Groups like muslims in general and palestinians in particular always kind of reinforce my theory that human civilizations have risen and fallen many times in the past, but there always ends up being groups like leftists who work with resource at their disposal to destroy it, followed by groups like muslims who then finish the job and eradicate all evidence there was anything there in the first place by destroying buildings, libraries, art, and historical monuments, while keeping only enough technology around to war with other muslim sects until it is all gone and humanity lives again in the stone age for a few millennia
There was no Bronze Age collapse, apart from the arrival of forces armed with steel.

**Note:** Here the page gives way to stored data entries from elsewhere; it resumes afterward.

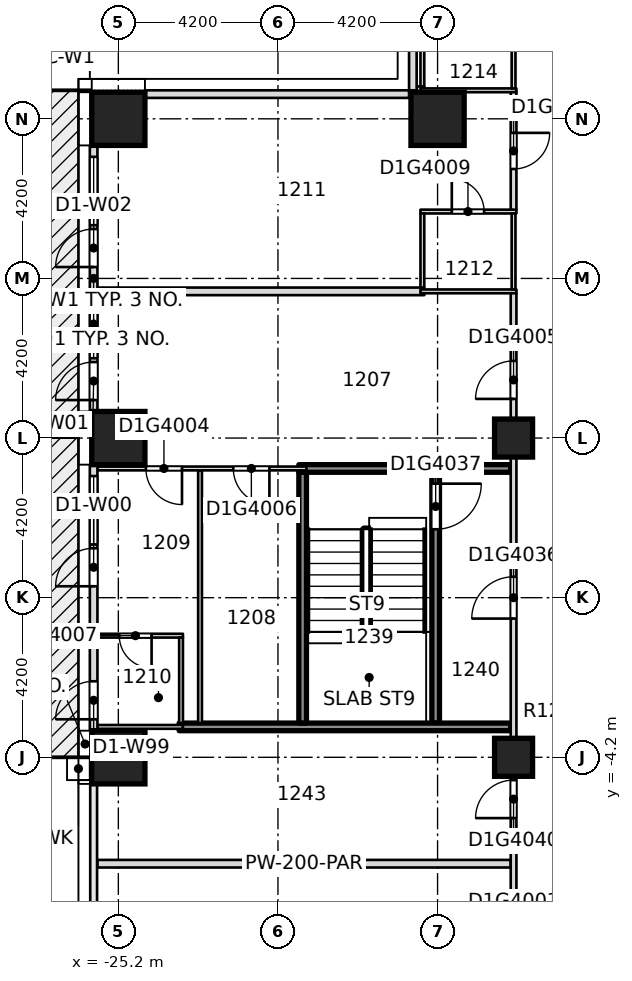
"""IFC4 building model, lengths in metres.
Left out: names, types, materials, properties, quantities, classifications, styles, units other than length and angle.
Written with IfcOpenShell. Run it as: python <this file> out.ifc"""

import sys

from ifc_helpers import new_model, si_unit, direction, frame, frame_2d, origin, origin_2d, place, context, subcontext, project, spatial, rectangle, extrude, element, fill, save


model = new_model("IFC4")
c1 = context("Model", 3, precision=1e-05, world=origin(), true_north=direction((0.0, 1.0)))
c2 = subcontext(c1, "Body", "Model", "MODEL_VIEW")
j1 = project(units=[si_unit("LENGTHUNIT", "METRE"), si_unit("PLANEANGLEUNIT", "RADIAN")], contexts=[c1])
p1 = place(None, origin())
s1 = spatial("IfcSite", under=j1, at=p1, CompositionType="ELEMENT")
p2 = place(p1, origin())
s2 = spatial("IfcBuilding", under=s1, at=p2, CompositionType="ELEMENT")
p3 = place(p2, frame((0.0, 0.0, 55.2)))
s3 = spatial("IfcBuildingStorey", under=s2, at=p3, CompositionType="ELEMENT", Elevation=55.2)
for number, where, z_axis, x_axis in (
    (1, (-25.2, -4.2, -0.32), (0.0, 0.0, 1.0), (1.0, 0.0, 0.0)),
    (2, (-25.2, 4.2, -0.32), (0.0, 0.0, 1.0), (1.0, 0.0, 0.0)),
    (3, (-25.2, 12.6, -0.32), (0.0, 0.0, 1.0), (1.0, 0.0, 0.0)),
    (4, (-16.8, 12.6, -0.32), (0.0, 0.0, 1.0), (1.0, 0.0, 0.0)),
):
    element("IfcColumn", number, at=place(p3, frame(where, z_axis=z_axis, x_axis=x_axis)), inside=s3, PredefinedType="COLUMN", context=c2, shape_type="SweptSolid", body=[
        extrude(rectangle(XDim=1.4, YDim=1.4, at=origin_2d()), origin(), (0.0, 0.0, 1.0), 3.45),
    ])
for number, where, z_axis, x_axis in (
    (5, (-14.8, -4.2, -0.32), (0.0, 0.0, 1.0), (1.0, 0.0, 0.0)),
    (6, (-14.8, 4.2, -0.32), (0.0, 0.0, 1.0), (1.0, 0.0, 0.0)),
):
    element("IfcColumn", number, at=place(p3, frame(where, z_axis=z_axis, x_axis=x_axis)), inside=s3, PredefinedType="COLUMN", context=c2, shape_type="SweptSolid", body=[
        extrude(rectangle(XDim=1.0, YDim=1.0, at=origin_2d()), origin(), (0.0, 0.0, 1.0), 3.45),
    ])
p4 = place(p3, frame((-25.75, -7.0, 0.0), z_axis=(0.0, 0.0, 1.0), x_axis=(1.0, 0.0, 0.0)))
e7 = element("IfcWall", 7, at=p4, inside=s3, PredefinedType="PARTITIONING", context=c2, shape_type="SweptSolid", body=[
    extrude(rectangle(XDim=10.875, YDim=0.2, at=frame_2d((5.438, 0.0))), origin(), (0.0, 0.0, 1.0), 3.13),
])
p5 = place(p3, frame((-25.75, -3.4, 0.0), z_axis=(0.0, 0.0, 1.0), x_axis=(1.0, 0.0, 0.0)))
e8 = element("IfcWall", 8, at=p5, inside=s3, PredefinedType="PARTITIONING", context=c2, shape_type="SweptSolid", body=[
    extrude(rectangle(XDim=2.25, YDim=0.1, at=frame_2d((1.125, 0.0))), origin(), (0.0, 0.0, 1.0), 3.13),
])
p6 = place(p3, frame((-25.75, -1.0, 0.0), z_axis=(0.0, 0.0, 1.0), x_axis=(1.0, 0.0, 0.0)))
e9 = element("IfcWall", 9, at=p6, inside=s3, PredefinedType="PARTITIONING", context=c2, shape_type="SweptSolid", body=[
    extrude(rectangle(XDim=2.25, YDim=0.1, at=frame_2d((1.125, 0.0))), origin(), (0.0, 0.0, 1.0), 3.13),
])
p7 = place(p6, frame((0.575, 0.0, 0.0)))
e10 = element("IfcOpeningElement", 10, at=p7, cuts=e9, PredefinedType="OPENING", context=c2, shape_type="SweptSolid", body=[
    extrude(rectangle(XDim=0.85, YDim=2.1, at=frame_2d((0.425, 1.05))), frame((0.0, 0.06, 0.0), z_axis=(0.0, -1.0, 0.0), x_axis=(1.0, 0.0, 0.0)), (0.0, 0.0, 1.0), 0.12),
])
p8 = place(p3, frame((-25.75, 3.4, 0.0), z_axis=(0.0, 0.0, 1.0), x_axis=(1.0, 0.0, 0.0)))
e11 = element("IfcWall", 11, at=p8, inside=s3, PredefinedType="PARTITIONING", context=c2, shape_type="SweptSolid", body=[
    extrude(rectangle(XDim=5.5, YDim=0.1, at=frame_2d((2.75, 0.0))), origin(), (0.0, 0.0, 1.0), 3.13),
])
p9 = place(p8, frame((1.275, 0.0, 0.0)))
e12 = element("IfcOpeningElement", 12, at=p9, cuts=e11, PredefinedType="OPENING", context=c2, shape_type="SweptSolid", body=[
    extrude(rectangle(XDim=0.95, YDim=2.1, at=frame_2d((0.475, 1.05))), frame((0.0, 0.06, 0.0), z_axis=(0.0, -1.0, 0.0), x_axis=(1.0, 0.0, 0.0)), (0.0, 0.0, 1.0), 0.12),
])
p10 = place(p8, frame((3.575, 0.0, 0.0)))
e13 = element("IfcOpeningElement", 13, at=p10, cuts=e11, PredefinedType="OPENING", context=c2, shape_type="SweptSolid", body=[
    extrude(rectangle(XDim=0.95, YDim=2.1, at=frame_2d((0.475, 1.05))), frame((0.0, 0.06, 0.0), z_axis=(0.0, -1.0, 0.0), x_axis=(1.0, 0.0, 0.0)), (0.0, 0.0, 1.0), 0.12),
])
p11 = place(p3, frame((-20.45, 3.4, 0.0), z_axis=(0.0, 0.0, 1.0), x_axis=(1.0, 0.0, 0.0)))
e14 = element("IfcWall", 14, at=p11, inside=s3, PredefinedType="SOLIDWALL", context=c2, shape_type="SweptSolid", body=[
    extrude(rectangle(XDim=5.575, YDim=0.2, at=frame_2d((2.788, 0.0))), origin(), (0.0, 0.0, 1.0), 3.13),
])
p12 = place(p3, frame((-25.75, 8.06, 0.0), z_axis=(0.0, 0.0, 1.0), x_axis=(1.0, 0.0, 0.0)))
e15 = element("IfcWall", 15, at=p12, inside=s3, PredefinedType="PARTITIONING", context=c2, shape_type="SweptSolid", body=[
    extrude(rectangle(XDim=8.6, YDim=0.2, at=frame_2d((4.3, 0.0))), origin(), (0.0, 0.0, 1.0), 3.13),
])
p13 = place(p3, frame((-17.25, 8.06, 0.0), z_axis=(0.0, 0.0, 1.0), x_axis=(1.0, 0.0, 0.0)))
e16 = element("IfcWall", 16, at=p13, inside=s3, PredefinedType="PARTITIONING", context=c2, shape_type="SweptSolid", body=[
    extrude(rectangle(XDim=2.525, YDim=0.1, at=frame_2d((1.262, 0.0))), origin(), (0.0, 0.0, 1.0), 3.13),
])
p14 = place(p3, frame((-17.25, 10.16, 0.0), z_axis=(0.0, 0.0, 1.0), x_axis=(1.0, 0.0, 0.0)))
e17 = element("IfcWall", 17, at=p14, inside=s3, PredefinedType="PARTITIONING", context=c2, shape_type="SweptSolid", body=[
    extrude(rectangle(XDim=2.525, YDim=0.1, at=frame_2d((1.262, 0.0))), origin(), (0.0, 0.0, 1.0), 3.13),
])
p15 = place(p14, frame((0.825, 0.0, 0.0)))
e18 = element("IfcOpeningElement", 18, at=p15, cuts=e17, PredefinedType="OPENING", context=c2, shape_type="SweptSolid", body=[
    extrude(rectangle(XDim=0.85, YDim=2.1, at=frame_2d((0.425, 1.05))), frame((0.0, 0.06, 0.0), z_axis=(0.0, -1.0, 0.0), x_axis=(1.0, 0.0, 0.0)), (0.0, 0.0, 1.0), 0.12),
])
p16 = place(p3, frame((-17.35, 13.35, 0.0), z_axis=(0.0, 0.0, 1.0), x_axis=(1.0, 0.0, 0.0)))
e19 = element("IfcWall", 19, at=p16, inside=s3, PredefinedType="PARTITIONING", context=c2, shape_type="SweptSolid", body=[
    extrude(rectangle(XDim=0.2, YDim=0.2, at=frame_2d((0.1, 0.0))), origin(), (0.0, 0.0, 1.0), 3.13),
])
p17 = place(p3, frame((-17.25, 13.35, 0.0), z_axis=(0.0, 0.0, 1.0), x_axis=(1.0, 0.0, 0.0)))
e20 = element("IfcWall", 20, at=p17, inside=s3, PredefinedType="PARTITIONING", context=c2, shape_type="SweptSolid", body=[
    extrude(rectangle(XDim=2.525, YDim=0.1, at=frame_2d((1.262, 0.0))), origin(), (0.0, 0.0, 1.0), 3.13),
])
p18 = place(p3, frame((-23.55, -3.3, 0.0), z_axis=(0.0, 0.0, 1.0), x_axis=(0.0, 1.0, 0.0)))
e21 = element("IfcWall", 21, at=p18, inside=s3, PredefinedType="PARTITIONING", context=c2, shape_type="SweptSolid", body=[
    extrude(rectangle(XDim=2.25, YDim=0.1, at=frame_2d((1.125, 0.0))), origin(), (0.0, 0.0, 1.0), 3.13),
])
p19 = place(p3, frame((-23.05, -3.3, 0.0), z_axis=(0.0, 0.0, 1.0), x_axis=(0.0, 1.0, 0.0)))
e22 = element("IfcWall", 22, at=p19, inside=s3, PredefinedType="PARTITIONING", context=c2, shape_type="SweptSolid", body=[
    extrude(rectangle(XDim=6.65, YDim=0.1, at=frame_2d((3.325, 0.0))), origin(), (0.0, 0.0, 1.0), 3.13),
])
p20 = place(p3, frame((-17.2, 8.16, 0.0), z_axis=(0.0, 0.0, 1.0), x_axis=(0.0, 1.0, 0.0)))
e23 = element("IfcWall", 23, at=p20, inside=s3, PredefinedType="PARTITIONING", context=c2, shape_type="SweptSolid", body=[
    extrude(rectangle(XDim=1.95, YDim=0.1, at=frame_2d((0.975, 0.0))), origin(), (0.0, 0.0, 1.0), 3.13),
])
p21 = place(p3, frame((-17.2, 13.45, 0.0), z_axis=(0.0, 0.0, 1.0), x_axis=(0.0, 1.0, 0.0)))
e24 = element("IfcWall", 24, at=p21, inside=s3, PredefinedType="PARTITIONING", context=c2, shape_type="SweptSolid", body=[
    extrude(rectangle(XDim=1.65, YDim=0.1, at=frame_2d((0.825, 0.0))), origin(), (0.0, 0.0, 1.0), 3.13),
])
p22 = place(p3, frame((-16.85, -3.3, 0.0), z_axis=(0.0, 0.0, 1.0), x_axis=(0.0, 1.0, 0.0)))
e25 = element("IfcWall", 25, at=p22, inside=s3, PredefinedType="SOLIDWALL", context=c2, shape_type="SweptSolid", body=[
    extrude(rectangle(XDim=6.6, YDim=0.2, at=frame_2d((3.3, 0.0))), origin(), (0.0, 0.0, 1.0), 3.13),
])
p23 = place(p22, frame((5.1, 0.0, 0.0)))
e26 = element("IfcOpeningElement", 26, at=p23, cuts=e25, PredefinedType="OPENING", context=c2, shape_type="SweptSolid", body=[
    extrude(rectangle(XDim=1.2, YDim=2.1, at=frame_2d((0.6, 1.05))), frame((0.0, 0.11, 0.0), z_axis=(0.0, -1.0, 0.0), x_axis=(1.0, 0.0, 0.0)), (0.0, 0.0, 1.0), 0.22),
])
p24 = place(p3, frame((-14.8, -10.525, 0.0), z_axis=(0.0, 0.0, 1.0), x_axis=(0.0, 1.0, 0.0)))
e27 = element("IfcWall", 27, at=p24, inside=s3, PredefinedType="PARTITIONING", context=c2, shape_type="SweptSolid", body=[
    extrude(rectangle(XDim=18.535, YDim=0.15, at=frame_2d((9.268, 0.0))), origin(), (0.0, 0.0, 1.0), 3.13),
])
p25 = place(p24, frame((0.925, 0.0, 0.0)))
e28 = element("IfcOpeningElement", 28, at=p25, cuts=e27, PredefinedType="OPENING", context=c2, shape_type="SweptSolid", body=[
    extrude(rectangle(XDim=1.0, YDim=2.1, at=frame_2d((0.5, 1.05))), frame((0.0, 0.085, 0.0), z_axis=(0.0, -1.0, 0.0), x_axis=(1.0, 0.0, 0.0)), (0.0, 0.0, 1.0), 0.17),
])
p26 = place(p24, frame((15.755, 0.0, 0.0)))
e29 = element("IfcOpeningElement", 29, at=p26, cuts=e27, PredefinedType="OPENING", context=c2, shape_type="SweptSolid", body=[
    extrude(rectangle(XDim=1.0, YDim=2.1, at=frame_2d((0.5, 1.05))), frame((0.0, 0.085, 0.0), z_axis=(0.0, -1.0, 0.0), x_axis=(1.0, 0.0, 0.0)), (0.0, 0.0, 1.0), 0.17),
])
p27 = place(p24, frame((9.975, 0.0, 0.0)))
e30 = element("IfcOpeningElement", 30, at=p27, cuts=e27, PredefinedType="OPENING", context=c2, shape_type="SweptSolid", body=[
    extrude(rectangle(XDim=1.1, YDim=2.1, at=frame_2d((0.55, 1.05))), frame((0.0, 0.085, 0.0), z_axis=(0.0, -1.0, 0.0), x_axis=(1.0, 0.0, 0.0)), (0.0, 0.0, 1.0), 0.17),
])
p28 = place(p24, frame((4.725, 0.0, 0.0)))
e31 = element("IfcOpeningElement", 31, at=p28, cuts=e27, PredefinedType="OPENING", context=c2, shape_type="SweptSolid", body=[
    extrude(rectangle(XDim=1.0, YDim=2.1, at=frame_2d((0.5, 1.05))), frame((0.0, 0.085, 0.0), z_axis=(0.0, -1.0, 0.0), x_axis=(1.0, 0.0, 0.0)), (0.0, 0.0, 1.0), 0.17),
])
p29 = place(p3, frame((-14.8, 8.11, 0.0), z_axis=(0.0, 0.0, 1.0), x_axis=(0.0, 1.0, 0.0)))
e32 = element("IfcWall", 32, at=p29, inside=s3, PredefinedType="PARTITIONING", context=c2, shape_type="SweptSolid", body=[
    extrude(rectangle(XDim=2.0, YDim=0.1, at=frame_2d((1.0, 0.0))), origin(), (0.0, 0.0, 1.0), 3.13),
])
p30 = place(p3, frame((-14.8, 10.21, 0.0), z_axis=(0.0, 0.0, 1.0), x_axis=(0.0, 1.0, 0.0)))
e33 = element("IfcWall", 33, at=p30, inside=s3, PredefinedType="PARTITIONING", context=c2, shape_type="SweptSolid", body=[
    extrude(rectangle(XDim=3.09, YDim=0.15, at=frame_2d((1.545, 0.0))), origin(), (0.0, 0.0, 1.0), 3.13),
])
p31 = place(p30, frame((1.07, 0.0, 0.0)))
e34 = element("IfcOpeningElement", 34, at=p31, cuts=e33, PredefinedType="OPENING", context=c2, shape_type="SweptSolid", body=[
    extrude(rectangle(XDim=0.95, YDim=2.1, at=frame_2d((0.475, 1.05))), frame((0.0, 0.085, 0.0), z_axis=(0.0, -1.0, 0.0), x_axis=(1.0, 0.0, 0.0)), (0.0, 0.0, 1.0), 0.17),
])
p32 = place(p3, frame((-14.8, 13.4, 0.0), z_axis=(0.0, 0.0, 1.0), x_axis=(0.0, 1.0, 0.0)))
e35 = element("IfcWall", 35, at=p32, inside=s3, PredefinedType="PARTITIONING", context=c2, shape_type="SweptSolid", body=[
    extrude(rectangle(XDim=1.7, YDim=0.1, at=frame_2d((0.85, 0.0))), origin(), (0.0, 0.0, 1.0), 3.13),
])
p33 = place(p3, frame((-17.45, 20.3, 0.0), z_axis=(0.0, 0.0, 1.0), x_axis=(0.0, -1.0, 0.0)))
e36 = element("IfcWall", 36, at=p33, inside=s3, PredefinedType="STANDARD", context=c2, shape_type="SweptSolid", body=[
    extrude(rectangle(XDim=6.95, YDim=0.2, at=frame_2d((3.475, 0.0))), origin(), (0.0, 0.0, 1.0), 3.13),
])
p34 = place(p33, frame((3.775, 0.0, 0.2)))
e37 = element("IfcOpeningElement", 37, at=p34, cuts=e36, PredefinedType="OPENING", context=c2, shape_type="SweptSolid", body=[
    extrude(rectangle(XDim=1.8, YDim=2.65, at=frame_2d((0.9, 1.325))), frame((0.0, 0.11, 0.0), z_axis=(0.0, -1.0, 0.0), x_axis=(1.0, 0.0, 0.0)), (0.0, 0.0, 1.0), 0.22),
])
p35 = place(p33, frame((0.3, 0.0, 0.2)))
e38 = element("IfcOpeningElement", 38, at=p35, cuts=e36, PredefinedType="OPENING", context=c2, shape_type="SweptSolid", body=[
    extrude(rectangle(XDim=1.8, YDim=2.65, at=frame_2d((0.9, 1.325))), frame((0.0, 0.11, 0.0), z_axis=(0.0, -1.0, 0.0), x_axis=(1.0, 0.0, 0.0)), (0.0, 0.0, 1.0), 0.22),
])
p36 = place(p3, frame((-17.55, 13.25, 0.0), z_axis=(0.0, 0.0, 1.0), x_axis=(-1.0, 0.0, 0.0)))
e39 = element("IfcWall", 39, at=p36, inside=s3, PredefinedType="STANDARD", context=c2, shape_type="SweptSolid", body=[
    extrude(rectangle(XDim=6.95, YDim=0.2, at=frame_2d((3.475, 0.0))), origin(), (0.0, 0.0, 1.0), 3.13),
])
p37 = place(p3, frame((-25.85, 11.9, 0.0), z_axis=(0.0, 0.0, 1.0), x_axis=(0.0, -1.0, 0.0)))
e40 = element("IfcWall", 40, at=p37, inside=s3, PredefinedType="STANDARD", context=c2, shape_type="SweptSolid", body=[
    extrude(rectangle(XDim=7.0, YDim=0.2, at=frame_2d((3.5, 0.0))), origin(), (0.0, 0.0, 1.0), 3.13),
])
p38 = place(p37, frame((3.8, 0.0, 0.2)))
e41 = element("IfcOpeningElement", 41, at=p38, cuts=e40, PredefinedType="OPENING", context=c2, shape_type="SweptSolid", body=[
    extrude(rectangle(XDim=1.8, YDim=2.65, at=frame_2d((0.9, 1.325))), frame((0.0, 0.11, 0.0), z_axis=(0.0, -1.0, 0.0), x_axis=(1.0, 0.0, 0.0)), (0.0, 0.0, 1.0), 0.22),
])
p39 = place(p37, frame((5.7, 0.0, 0.0)))
e42 = element("IfcOpeningElement", 42, at=p39, cuts=e40, PredefinedType="OPENING", context=c2, shape_type="SweptSolid", body=[
    extrude(rectangle(XDim=1.0, YDim=2.4, at=frame_2d((0.5, 1.2))), frame((0.0, 0.11, 0.0), z_axis=(0.0, -1.0, 0.0), x_axis=(1.0, 0.0, 0.0)), (0.0, 0.0, 1.0), 0.22),
])
p40 = place(p37, frame((0.3, 0.0, 0.2)))
e43 = element("IfcOpeningElement", 43, at=p40, cuts=e40, PredefinedType="OPENING", context=c2, shape_type="SweptSolid", body=[
    extrude(rectangle(XDim=1.8, YDim=2.65, at=frame_2d((0.9, 1.325))), frame((0.0, 0.11, 0.0), z_axis=(0.0, -1.0, 0.0), x_axis=(1.0, 0.0, 0.0)), (0.0, 0.0, 1.0), 0.22),
])
p41 = place(p37, frame((2.2, 0.0, 0.0)))
e44 = element("IfcOpeningElement", 44, at=p41, cuts=e40, PredefinedType="OPENING", context=c2, shape_type="SweptSolid", body=[
    extrude(rectangle(XDim=1.0, YDim=2.4, at=frame_2d((0.5, 1.2))), frame((0.0, 0.11, 0.0), z_axis=(0.0, -1.0, 0.0), x_axis=(1.0, 0.0, 0.0)), (0.0, 0.0, 1.0), 0.22),
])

Attributing something that happend in the 15th c BC (the Conquest) to an alleged event that happened in the 13th c BC never made any sense, anyway.
There's been no scientific dating of Narmer, per se. The only way to get that would be to try some sort of radiometric dating on the Narmer palette, literally his only unambiguous monument. The RC dating on human hair samples proved to be about 800 years before the Great Pyramid, so 1000 (the old date) is definitely in the ballpark, at least. There's no apparent connectino between Narmer and Aha et al, and the Egyptians referred to their supposed founder as Min (Menes), a name also attested from at least one Akkadian record. It seems likely that Egypt made a big deal about the unity and the two crowns precisely because Egyptian unification was unuaual. Menkaure, grandson of Khufu, was succeeded by his son, apparently, but the son is assigned to the 5th dynasty, and reverted to building mastabas on a site south of Giza.
>>>apart from the arrival of forces armed with steel.<<<
So there was a collapse. Interesting you assert one negative while also affirming the premise right after that.
Also recent scholarship agrees that there “was” a collapse.